Trump sent a love letter to Mitch McConnell after being impeached — but it’s all too little, too late

Lucy Anna Gray
·3 min read
 (AP)
(AP)

With a bright light shining on him and the first glimmer of real fear in his eyes, Donald Trump released his hostage video.

“I want to be very clear — I unequivocally condemn the violence we saw last week,” the president said, in a video posted less than two hours after the US House of Representatives voted to impeach him. It wasn’t shared to his personal Twitter, of course, but he can easily circumnavigate the belated ban these days by using the White House account.

The five-minute video seems like a direct call to the MAGA mob, addressing his “true supporters”, telling them “we cannot tolerate” violence; the message these people needed to hear, perhaps, just one week and five lives too late. But, of course, it isn’t really a message to them at all. It is a plea on bended knee to his last hope: Mitch McConnell.
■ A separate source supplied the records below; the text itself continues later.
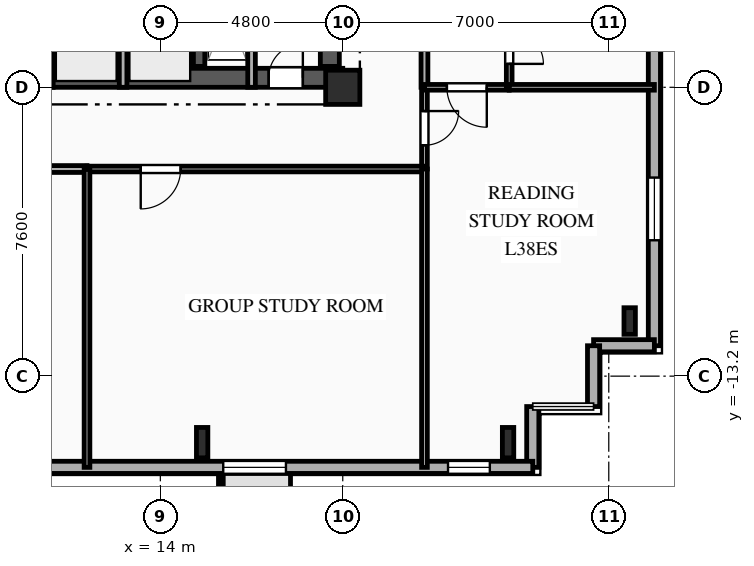
"""IFC4 building model, lengths in metres.
Left out: names, types, materials, properties, quantities, classifications, styles, units other than length and angle.
Written with IfcOpenShell. Run it as: python <this file> out.ifc"""

import sys

from ifc_helpers import new_model, si_unit, direction, frame, frame_2d, origin, origin_2d, place, context, subcontext, project, spatial, rectangle, i_section, extrude, element, fill, save


model = new_model("IFC4")
c1 = context("Model", 3, precision=1e-05, world=origin(), true_north=direction((0.0, 1.0)))
c2 = subcontext(c1, "Body", "Model", "MODEL_VIEW")
j1 = project(units=[si_unit("LENGTHUNIT", "METRE"), si_unit("PLANEANGLEUNIT", "RADIAN")], contexts=[c1])
p1 = place(None, origin())
s1 = spatial("IfcSite", under=j1, at=p1, CompositionType="ELEMENT")
p2 = place(p1, origin())
s2 = spatial("IfcBuilding", under=s1, at=p2, CompositionType="ELEMENT")
p3 = place(p2, frame((0.0, 0.0, 137.7)))
s3 = spatial("IfcBuildingStorey", under=s2, at=p3, CompositionType="ELEMENT", Elevation=137.7)
p4 = place(p3, frame((18.8, -5.6, 0.0), z_axis=(0.0, 0.0, 1.0), x_axis=(1.0, 0.0, 0.0)))
e1 = element("IfcColumn", 1, at=p4, inside=s3, PredefinedType="COLUMN", context=c2, shape_type="SweptSolid", body=[
    extrude(rectangle(XDim=0.9, YDim=0.9, at=origin_2d()), origin(), (0.0, 0.0, 1.0), 3.35),
])
for number, where, z_axis, x_axis in (
    (2, (15.1, -14.95, 0.0), (0.0, 0.0, 1.0), (1.0, 0.0, 0.0)),
    (3, (23.15, -14.95, 0.0), (0.0, 0.0, 1.0), (1.0, 0.0, 0.0)),
):
    element("IfcColumn", number, at=place(p3, frame(where, z_axis=z_axis, x_axis=x_axis)), inside=s3, PredefinedType="COLUMN", context=c2, shape_type="SweptSolid", body=[
        extrude(i_section(OverallWidth=0.3, OverallDepth=0.8, WebThickness=0.018, FlangeThickness=0.033, FilletRadius=0.03, at=origin_2d()), origin(), (0.0, 0.0, 1.0), 3.35),
    ])
p5 = place(p3, frame((26.35, -11.75, 0.0), z_axis=(0.0, 0.0, 1.0), x_axis=(1.0, 0.0, 0.0)))
e4 = element("IfcColumn", 4, at=p5, inside=s3, PredefinedType="COLUMN", context=c2, shape_type="SweptSolid", body=[
    extrude(i_section(OverallWidth=0.3, OverallDepth=0.7, WebThickness=0.017, FlangeThickness=0.032, FilletRadius=0.027, at=origin_2d()), origin(), (0.0, 0.0, 1.0), 3.35),
])
p6 = place(p3, frame((27.0, 17.2, 0.0), z_axis=(0.0, 0.0, 1.0), x_axis=(0.0, -1.0, 0.0)))
e5 = element("IfcWall", 5, at=p6, inside=s3, PredefinedType="SOLIDWALL", context=c2, shape_type="SweptSolid", body=[
    extrude(rectangle(XDim=29.6, YDim=0.32, at=frame_2d((14.8, 0.0))), origin(), (0.0, 0.0, 1.0), 3.04),
])
p7 = place(p6, frame((3.775, 0.0, 0.85)))
e6 = element("IfcOpeningElement", 6, at=p7, cuts=e5, PredefinedType="OPENING", context=c2, shape_type="SweptSolid", body=[
    extrude(rectangle(XDim=1.65, YDim=1.85, at=frame_2d((0.825, 0.925))), frame((0.0, 0.17, 0.0), z_axis=(0.0, -1.0, 0.0), x_axis=(1.0, 0.0, 0.0)), (0.0, 0.0, 1.0), 0.34),
])
p8 = place(p6, frame((9.37, 0.0, 0.85)))
e7 = element("IfcOpeningElement", 7, at=p8, cuts=e5, PredefinedType="OPENING", context=c2, shape_type="SweptSolid", body=[
    extrude(rectangle(XDim=1.5, YDim=1.85, at=frame_2d((0.75, 0.925))), frame((0.0, 0.17, 0.0), z_axis=(0.0, -1.0, 0.0), x_axis=(1.0, 0.0, 0.0)), (0.0, 0.0, 1.0), 0.34),
])
p9 = place(p6, frame((12.25, 0.0, 0.85)))
e8 = element("IfcOpeningElement", 8, at=p9, cuts=e5, PredefinedType="OPENING", context=c2, shape_type="SweptSolid", body=[
    extrude(rectangle(XDim=1.5, YDim=1.85, at=frame_2d((0.75, 0.925))), frame((0.0, 0.17, 0.0), z_axis=(0.0, -1.0, 0.0), x_axis=(1.0, 0.0, 0.0)), (0.0, 0.0, 1.0), 0.34),
])
p10 = place(p6, frame((15.05, 0.0, 0.85)))
e9 = element("IfcOpeningElement", 9, at=p10, cuts=e5, PredefinedType="OPENING", context=c2, shape_type="SweptSolid", body=[
    extrude(rectangle(XDim=1.5, YDim=1.85, at=frame_2d((0.75, 0.925))), frame((0.0, 0.17, 0.0), z_axis=(0.0, -1.0, 0.0), x_axis=(1.0, 0.0, 0.0)), (0.0, 0.0, 1.0), 0.34),
])
p11 = place(p6, frame((17.865, 0.0, 0.85)))
e10 = element("IfcOpeningElement", 10, at=p11, cuts=e5, PredefinedType="OPENING", context=c2, shape_type="SweptSolid", body=[
    extrude(rectangle(XDim=1.95, YDim=1.85, at=frame_2d((0.975, 0.925))), frame((0.0, 0.17, 0.0), z_axis=(0.0, -1.0, 0.0), x_axis=(1.0, 0.0, 0.0)), (0.0, 0.0, 1.0), 0.34),
])
p12 = place(p6, frame((25.175, 0.0, 0.85)))
e11 = element("IfcOpeningElement", 11, at=p12, cuts=e5, PredefinedType="OPENING", context=c2, shape_type="SweptSolid", body=[
    extrude(rectangle(XDim=1.65, YDim=1.85, at=frame_2d((0.825, 0.925))), frame((0.0, 0.17, 0.0), z_axis=(0.0, -1.0, 0.0), x_axis=(1.0, 0.0, 0.0)), (0.0, 0.0, 1.0), 0.34),
])
for number, where, z_axis, x_axis in (
    (12, (27.0, -12.4, 0.0), (0.0, 0.0, 1.0), (-1.0, 0.0, 0.0)),
    (13, (25.4, -12.4, 0.0), (0.0, 0.0, 1.0), (0.0, -1.0, 0.0)),
    (14, (23.8, -14.0, 0.0), (0.0, 0.0, 1.0), (0.0, -1.0, 0.0)),
):
    element("IfcWall", number, at=place(p3, frame(where, z_axis=z_axis, x_axis=x_axis)), inside=s3, PredefinedType="SOLIDWALL", context=c2, shape_type="SweptSolid", body=[
        extrude(rectangle(XDim=1.6, YDim=0.32, at=frame_2d((0.8, 0.0))), origin(), (0.0, 0.0, 1.0), 3.04),
    ])
p13 = place(p3, frame((23.8, -15.6, 0.0), z_axis=(0.0, 0.0, 1.0), x_axis=(-1.0, 0.0, 0.0)))
e15 = element("IfcWall", 15, at=p13, inside=s3, PredefinedType="SOLIDWALL", context=c2, shape_type="SweptSolid", body=[
    extrude(rectangle(XDim=49.6, YDim=0.32, at=frame_2d((24.8, 0.0))), origin(), (0.0, 0.0, 1.0), 3.04),
])
p14 = place(p13, frame((1.13, 0.0, 0.85)))
e16 = element("IfcOpeningElement", 16, at=p14, cuts=e15, PredefinedType="OPENING", context=c2, shape_type="SweptSolid", body=[
    extrude(rectangle(XDim=1.1, YDim=1.85, at=frame_2d((0.55, 0.925))), frame((0.0, 0.17, 0.0), z_axis=(0.0, -1.0, 0.0), x_axis=(1.0, 0.0, 0.0)), (0.0, 0.0, 1.0), 0.34),
])
p15 = place(p13, frame((6.495, 0.0, 0.85)))
e17 = element("IfcOpeningElement", 17, at=p15, cuts=e15, PredefinedType="OPENING", context=c2, shape_type="SweptSolid", body=[
    extrude(rectangle(XDim=1.65, YDim=1.85, at=frame_2d((0.825, 0.925))), frame((0.0, 0.17, 0.0), z_axis=(0.0, -1.0, 0.0), x_axis=(1.0, 0.0, 0.0)), (0.0, 0.0, 1.0), 0.34),
])
p16 = place(p13, frame((13.996, 0.0, 0.85)))
e18 = element("IfcOpeningElement", 18, at=p16, cuts=e15, PredefinedType="OPENING", context=c2, shape_type="SweptSolid", body=[
    extrude(rectangle(XDim=2.2, YDim=1.85, at=frame_2d((1.1, 0.925))), frame((0.0, 0.17, 0.0), z_axis=(0.0, -1.0, 0.0), x_axis=(1.0, 0.0, 0.0)), (0.0, 0.0, 1.0), 0.34),
])
p17 = place(p13, frame((22.396, 0.0, 0.85)))
e19 = element("IfcOpeningElement", 19, at=p17, cuts=e15, PredefinedType="OPENING", context=c2, shape_type="SweptSolid", body=[
    extrude(rectangle(XDim=2.2, YDim=1.85, at=frame_2d((1.1, 0.925))), frame((0.0, 0.17, 0.0), z_axis=(0.0, -1.0, 0.0), x_axis=(1.0, 0.0, 0.0)), (0.0, 0.0, 1.0), 0.34),
])
p18 = place(p13, frame((30.2, 0.0, 0.85)))
e20 = element("IfcOpeningElement", 20, at=p18, cuts=e15, PredefinedType="OPENING", context=c2, shape_type="SweptSolid", body=[
    extrude(rectangle(XDim=2.2, YDim=1.85, at=frame_2d((1.1, 0.925))), frame((0.0, 0.17, 0.0), z_axis=(0.0, -1.0, 0.0), x_axis=(1.0, 0.0, 0.0)), (0.0, 0.0, 1.0), 0.34),
])
p19 = place(p13, frame((38.673, 0.0, 0.85)))
e21 = element("IfcOpeningElement", 21, at=p19, cuts=e15, PredefinedType="OPENING", context=c2, shape_type="SweptSolid", body=[
    extrude(rectangle(XDim=1.65, YDim=1.85, at=frame_2d((0.825, 0.925))), frame((0.0, 0.17, 0.0), z_axis=(0.0, -1.0, 0.0), x_axis=(1.0, 0.0, 0.0)), (0.0, 0.0, 1.0), 0.34),
])
p20 = place(p13, frame((46.175, 0.0, 0.85)))
e22 = element("IfcOpeningElement", 22, at=p20, cuts=e15, PredefinedType="OPENING", context=c2, shape_type="SweptSolid", body=[
    extrude(rectangle(XDim=1.65, YDim=1.85, at=frame_2d((0.825, 0.925))), frame((0.0, 0.17, 0.0), z_axis=(0.0, -1.0, 0.0), x_axis=(1.0, 0.0, 0.0)), (0.0, 0.0, 1.0), 0.34),
])
p21 = place(p3, frame((9.2, -5.35, 0.0), z_axis=(0.0, 0.0, 1.0), x_axis=(1.0, 0.0, 0.0)))
e23 = element("IfcWall", 23, at=p21, inside=s3, PredefinedType="SHEAR", context=c2, shape_type="SweptSolid", body=[
    extrude(rectangle(XDim=9.6, YDim=0.5, at=frame_2d((4.8, 0.0))), origin(), (0.0, 0.0, 1.0), 3.04),
])
p22 = place(p21, frame((7.65, 0.0, 0.0)))
e24 = element("IfcOpeningElement", 24, at=p22, cuts=e23, PredefinedType="OPENING", context=c2, shape_type="SweptSolid", body=[
    extrude(rectangle(XDim=0.9, YDim=2.1, at=frame_2d((0.45, 1.05))), frame((0.0, 0.26, 0.0), z_axis=(0.0, -1.0, 0.0), x_axis=(1.0, 0.0, 0.0)), (0.0, 0.0, 1.0), 0.52),
])
p23 = place(p3, frame((18.46, -5.05, 0.0), z_axis=(0.0, 0.0, 1.0), x_axis=(0.0, 1.0, 0.0)))
e25 = element("IfcWall", 25, at=p23, inside=s3, PredefinedType="SHEAR", context=c2, shape_type="SweptSolid", body=[
    extrude(rectangle(XDim=10.1, YDim=0.5, at=frame_2d((5.05, 0.0))), origin(), (0.0, 0.0, 1.0), 3.04),
])
p24 = place(p3, frame((15.02, -5.05, 0.0), z_axis=(0.0, 0.0, 1.0), x_axis=(0.0, 1.0, 0.0)))
e26 = element("IfcWall", 26, at=p24, inside=s3, PredefinedType="SHEAR", context=c2, shape_type="SweptSolid", body=[
    extrude(rectangle(XDim=10.1, YDim=0.3, at=frame_2d((5.05, 0.0))), origin(), (0.0, 0.0, 1.0), 3.04),
])
p25 = place(p3, frame((16.4, -2.11, 0.0), z_axis=(0.0, 0.0, 1.0), x_axis=(0.0, -1.0, 0.0)))
e27 = element("IfcWall", 27, at=p25, inside=s3, PredefinedType="PARTITIONING", context=c2, shape_type="SweptSolid", body=[
    extrude(rectangle(XDim=3.49, YDim=0.2, at=frame_2d((1.745, 0.0))), origin(), (0.0, 0.0, 1.0), 3.04),
])
for number, where, z_axis, x_axis in (
    (28, (11.08, -5.6, 0.0), (0.0, 0.0, 1.0), (0.0, 1.0, 0.0)),
    (29, (13.02, -5.6, 0.0), (0.0, 0.0, 1.0), (0.0, 1.0, 0.0)),
):
    element("IfcWall", number, at=place(p3, frame(where, z_axis=z_axis, x_axis=x_axis)), inside=s3, PredefinedType="PARTITIONING", context=c2, shape_type="SweptSolid", body=[
        extrude(rectangle(XDim=2.25, YDim=0.2, at=frame_2d((1.125, 0.0))), origin(), (0.0, 0.0, 1.0), 3.04),
    ])
p26 = place(p3, frame((20.95, -5.6, 0.0), z_axis=(0.0, 0.0, 1.0), x_axis=(0.0, -1.0, 0.0)))
e30 = element("IfcWall", 30, at=p26, inside=s3, PredefinedType="PARTITIONING", context=c2, shape_type="SweptSolid", body=[
    extrude(rectangle(XDim=2.15, YDim=0.15, at=frame_2d((1.075, 0.0))), origin(), (0.0, 0.0, 1.0), 3.04),
])
p27 = place(p26, frame((0.625, 0.0, 0.0)))
e31 = element("IfcOpeningElement", 31, at=p27, cuts=e30, PredefinedType="OPENING", context=c2, shape_type="SweptSolid", body=[
    extrude(rectangle(XDim=0.9, YDim=2.1, at=frame_2d((0.45, 1.05))), frame((0.0, 0.085, 0.0), z_axis=(0.0, -1.0, 0.0), x_axis=(1.0, 0.0, 0.0)), (0.0, 0.0, 1.0), 0.17),
])
p28 = place(p3, frame((12.07, -7.75, 0.0), z_axis=(0.0, 0.0, 1.0), x_axis=(-1.0, 0.0, 0.0)))
e32 = element("IfcWall", 32, at=p28, inside=s3, PredefinedType="PARTITIONING", context=c2, shape_type="SweptSolid", body=[
    extrude(rectangle(XDim=5.93, YDim=0.18, at=frame_2d((2.965, 0.0))), origin(), (0.0, 0.0, 1.0), 3.04),
])
p29 = place(p28, frame((3.879, 0.0, 0.0)))
e33 = element("IfcOpeningElement", 33, at=p29, cuts=e32, PredefinedType="OPENING", context=c2, shape_type="SweptSolid", body=[
    extrude(rectangle(XDim=1.0, YDim=2.15, at=frame_2d((0.5, 1.075))), frame((0.0, 0.1, 0.0), z_axis=(0.0, -1.0, 0.0), x_axis=(1.0, 0.0, 0.0)), (0.0, 0.0, 1.0), 0.2),
])
p30 = place(p3, frame((20.95, -7.75, 0.0), z_axis=(0.0, 0.0, 1.0), x_axis=(-1.0, 0.0, 0.0)))
e34 = element("IfcWall", 34, at=p30, inside=s3, PredefinedType="PARTITIONING", context=c2, shape_type="SweptSolid", body=[
    extrude(rectangle(XDim=8.88, YDim=0.15, at=frame_2d((4.44, 0.0))), origin(), (0.0, 0.0, 1.0), 3.04),
])
p31 = place(p30, frame((6.416, 0.0, 0.0)))
e35 = element("IfcOpeningElement", 35, at=p31, cuts=e34, PredefinedType="OPENING", context=c2, shape_type="SweptSolid", body=[
    extrude(rectangle(XDim=1.05, YDim=2.15, at=frame_2d((0.525, 1.075))), frame((0.0, 0.085, 0.0), z_axis=(0.0, -1.0, 0.0), x_axis=(1.0, 0.0, 0.0)), (0.0, 0.0, 1.0), 0.17),
])
p32 = place(p3, frame((20.95, 8.5, 0.0), z_axis=(0.0, 0.0, 1.0), x_axis=(0.0, -1.0, 0.0)))
e36 = element("IfcWall", 36, at=p32, inside=s3, PredefinedType="PARTITIONING", context=c2, shape_type="SweptSolid", body=[
    extrude(rectangle(XDim=14.1, YDim=0.18, at=frame_2d((7.05, 0.0))), origin(), (0.0, 0.0, 1.0), 3.04),
])
p33 = place(p32, frame((8.042, 0.0, 0.0)))
e37 = element("IfcOpeningElement", 37, at=p33, cuts=e36, PredefinedType="OPENING", context=c2, shape_type="SweptSolid", body=[
    extrude(rectangle(XDim=1.0, YDim=2.15, at=frame_2d((0.5, 1.075))), frame((0.0, 0.1, 0.0), z_axis=(0.0, -1.0, 0.0), x_axis=(1.0, 0.0, 0.0)), (0.0, 0.0, 1.0), 0.2),
])
p34 = place(p3, frame((23.18, -5.6, 0.0), z_axis=(0.0, 0.0, 1.0), x_axis=(-1.0, 0.0, 0.0)))
e38 = element("IfcWall", 38, at=p34, inside=s3, PredefinedType="PARTITIONING", context=c2, shape_type="SweptSolid", body=[
    extrude(rectangle(XDim=2.23, YDim=0.15, at=frame_2d((1.115, 0.0))), origin(), (0.0, 0.0, 1.0), 3.04),
])
p35 = place(p34, frame((0.59, 0.0, 0.0)))
e39 = element("IfcOpeningElement", 39, at=p35, cuts=e38, PredefinedType="OPENING", context=c2, shape_type="SweptSolid", body=[
    extrude(rectangle(XDim=1.05, YDim=2.15, at=frame_2d((0.525, 1.075))), frame((0.0, 0.085, 0.0), z_axis=(0.0, -1.0, 0.0), x_axis=(1.0, 0.0, 0.0)), (0.0, 0.0, 1.0), 0.17),
])
p36 = place(p3, frame((23.18, -3.25, 0.0), z_axis=(0.0, 0.0, 1.0), x_axis=(0.0, -1.0, 0.0)))
e40 = element("IfcWall", 40, at=p36, inside=s3, PredefinedType="PLUMBINGWALL", context=c2, shape_type="SweptSolid", body=[
    extrude(rectangle(XDim=2.35, YDim=0.15, at=frame_2d((1.175, 0.0))), origin(), (0.0, 0.0, 1.0), 3.04),
])
p37 = place(p36, frame((0.834, 0.0, 0.0)))
e41 = element("IfcOpeningElement", 41, at=p37, cuts=e40, PredefinedType="OPENING", context=c2, shape_type="SweptSolid", body=[
    extrude(rectangle(XDim=0.9, YDim=2.1, at=frame_2d((0.45, 1.05))), frame((0.0, 0.085, 0.0), z_axis=(0.0, -1.0, 0.0), x_axis=(1.0, 0.0, 0.0)), (0.0, 0.0, 1.0), 0.17),
])
p38 = place(p3, frame((23.18, -5.6, 0.0), z_axis=(0.0, 0.0, 1.0), x_axis=(1.0, 0.0, 0.0)))
e42 = element("IfcWall", 42, at=p38, inside=s3, PredefinedType="PLUMBINGWALL", context=c2, shape_type="SweptSolid", body=[
    extrude(rectangle(XDim=3.82, YDim=0.15, at=frame_2d((1.91, 0.0))), origin(), (0.0, 0.0, 1.0), 3.04),
])
for number, where, z_axis, x_axis in (
    (43, (20.95, -15.6, 0.0), (0.0, 0.0, 1.0), (0.0, 1.0, 0.0)),
    (44, (12.07, -7.75, 0.0), (0.0, 0.0, 1.0), (0.0, -1.0, 0.0)),
):
    element("IfcWall", number, at=place(p3, frame(where, z_axis=z_axis, x_axis=x_axis)), inside=s3, PredefinedType="PARTITIONING", context=c2, shape_type="SweptSolid", body=[
        extrude(rectangle(XDim=7.85, YDim=0.15, at=frame_2d((3.925, 0.0))), origin(), (0.0, 0.0, 1.0), 3.04),
    ])
p39 = place(p12, origin())
e45 = element("IfcWindow", 45, at=p39, inside=s3, PartitioningType="SINGLE_PANEL", PredefinedType="WINDOW", context=c2, shape_type="SweptSolid", body=[
    extrude(rectangle(XDim=1.65, YDim=1.85, at=frame_2d((0.825, 0.925))), frame((0.0, 0.03, 0.0), z_axis=(0.0, -1.0, 0.0), x_axis=(1.0, 0.0, 0.0)), (0.0, 0.0, 1.0), 0.06),
])
fill(e11, e45)
p40 = place(p14, origin())
e46 = element("IfcWindow", 46, at=p40, inside=s3, PartitioningType="SINGLE_PANEL", PredefinedType="WINDOW", context=c2, shape_type="SweptSolid", body=[
    extrude(rectangle(XDim=1.1, YDim=1.85, at=frame_2d((0.55, 0.925))), frame((0.0, 0.03, 0.0), z_axis=(0.0, -1.0, 0.0), x_axis=(1.0, 0.0, 0.0)), (0.0, 0.0, 1.0), 0.06),
])
fill(e16, e46)
p41 = place(p15, origin())
e47 = element("IfcWindow", 47, at=p41, inside=s3, PartitioningType="SINGLE_PANEL", PredefinedType="WINDOW", context=c2, shape_type="SweptSolid", body=[
    extrude(rectangle(XDim=1.65, YDim=1.85, at=frame_2d((0.825, 0.925))), frame((0.0, 0.03, 0.0), z_axis=(0.0, -1.0, 0.0), x_axis=(1.0, 0.0, 0.0)), (0.0, 0.0, 1.0), 0.06),
])
fill(e17, e47)
p42 = place(p22, origin())
e48 = element("IfcDoor", 48, at=p42, inside=s3, OperationType="SINGLE_SWING_RIGHT", PredefinedType="DOOR", context=c2, shape_type="SweptSolid", body=[
    extrude(rectangle(XDim=0.9, YDim=2.1, at=frame_2d((0.45, 1.05))), frame((0.0, 0.025, 0.0), z_axis=(0.0, -1.0, 0.0), x_axis=(1.0, 0.0, 0.0)), (0.0, 0.0, 1.0), 0.05),
])
fill(e24, e48)
p43 = place(p27, origin())
e49 = element("IfcDoor", 49, at=p43, inside=s3, OperationType="SINGLE_SWING_LEFT", PredefinedType="DOOR", context=c2, shape_type="SweptSolid", body=[
    extrude(rectangle(XDim=0.9, YDim=2.1, at=frame_2d((0.45, 1.05))), frame((0.0, 0.025, 0.0), z_axis=(0.0, -1.0, 0.0), x_axis=(1.0, 0.0, 0.0)), (0.0, 0.0, 1.0), 0.05),
])
fill(e31, e49)
p44 = place(p31, origin())
e50 = element("IfcDoor", 50, at=p44, inside=s3, OperationType="SINGLE_SWING_RIGHT", PredefinedType="DOOR", context=c2, shape_type="SweptSolid", body=[
    extrude(rectangle(XDim=1.05, YDim=2.15, at=frame_2d((0.525, 1.075))), frame((0.0, 0.025, 0.0), z_axis=(0.0, -1.0, 0.0), x_axis=(1.0, 0.0, 0.0)), (0.0, 0.0, 1.0), 0.05),
])
fill(e35, e50)
p45 = place(p35, origin())
e51 = element("IfcDoor", 51, at=p45, inside=s3, OperationType="SINGLE_SWING_LEFT", PredefinedType="DOOR", context=c2, shape_type="SweptSolid", body=[
    extrude(rectangle(XDim=1.05, YDim=2.15, at=frame_2d((0.525, 1.075))), frame((0.0, 0.025, 0.0), z_axis=(0.0, -1.0, 0.0), x_axis=(1.0, 0.0, 0.0)), (0.0, 0.0, 1.0), 0.05),
])
fill(e39, e51)
p46 = place(p37, origin())
e52 = element("IfcDoor", 52, at=p46, inside=s3, OperationType="SINGLE_SWING_RIGHT", PredefinedType="DOOR", context=c2, shape_type="SweptSolid", body=[
    extrude(rectangle(XDim=0.9, YDim=2.1, at=frame_2d((0.45, 1.05))), frame((0.0, 0.025, 0.0), z_axis=(0.0, -1.0, 0.0), x_axis=(1.0, 0.0, 0.0)), (0.0, 0.0, 1.0), 0.05),
])
fill(e41, e52)
save(model, sys.argv[1])

Donald Trump is the first US president to be impeached twice. The House of Representatives voted on Wednesday that he had indeed incited the “lawless action” that took place on 6 January.

This means he has been impeached, but I wouldn’t pull those party poppers just yet — because impeachment by the House does not necessarily mean Trump will be removed from office, though it will most likely scupper his attempts to run in 2024. The process now moves to the (Republican) Senate, where a two-thirds majority must vote to truly oust the president. In reality, that Senate trial will probably conclude after Trump leaves office on January 20, considering the Senate will not meet again (due to McConnell’s wishes) until January 19.

That makes the motive behind Trump’s latest video feel especially transparent.

Situated in the most iconic room in the world, the president reminds us of the scope of his power: “I have been briefed by the US Secret Service about the potential threats.” He sounded, on this rare occasion, actually presidential. And he said what he knew others in the Republican Party — and their rapidly disappearing donors — needed to hear while addressing his supporters: “There must be no violence, no law-breaking, no vandalism of any kind.”

Despite it being packaged like one, this was no presidential address — it was a love letter.

Just as your ex said all the things you needed to hear to win you back for one last night of passion (before predictably dumping you again), Donald Trump read the cue-cards he needed to get Mitch McConnell on side.

If today is anything to go by, the Senate Majority Leader (and the party that largely answers to him) has the potential to go either way. Though reports suggested he was privately “pleased” at the impeachment effort earlier this week, seeing it as an opportunity to purge Trumpism from the Republican Party, he has since remained tightlipped — and his refusal to move to a speedy impeachment trial in the Senate suggests he is still considering which cards to play and when. That indecision is what Trump is banking on.

Will this desperate plea work? We’ll have to wait and see.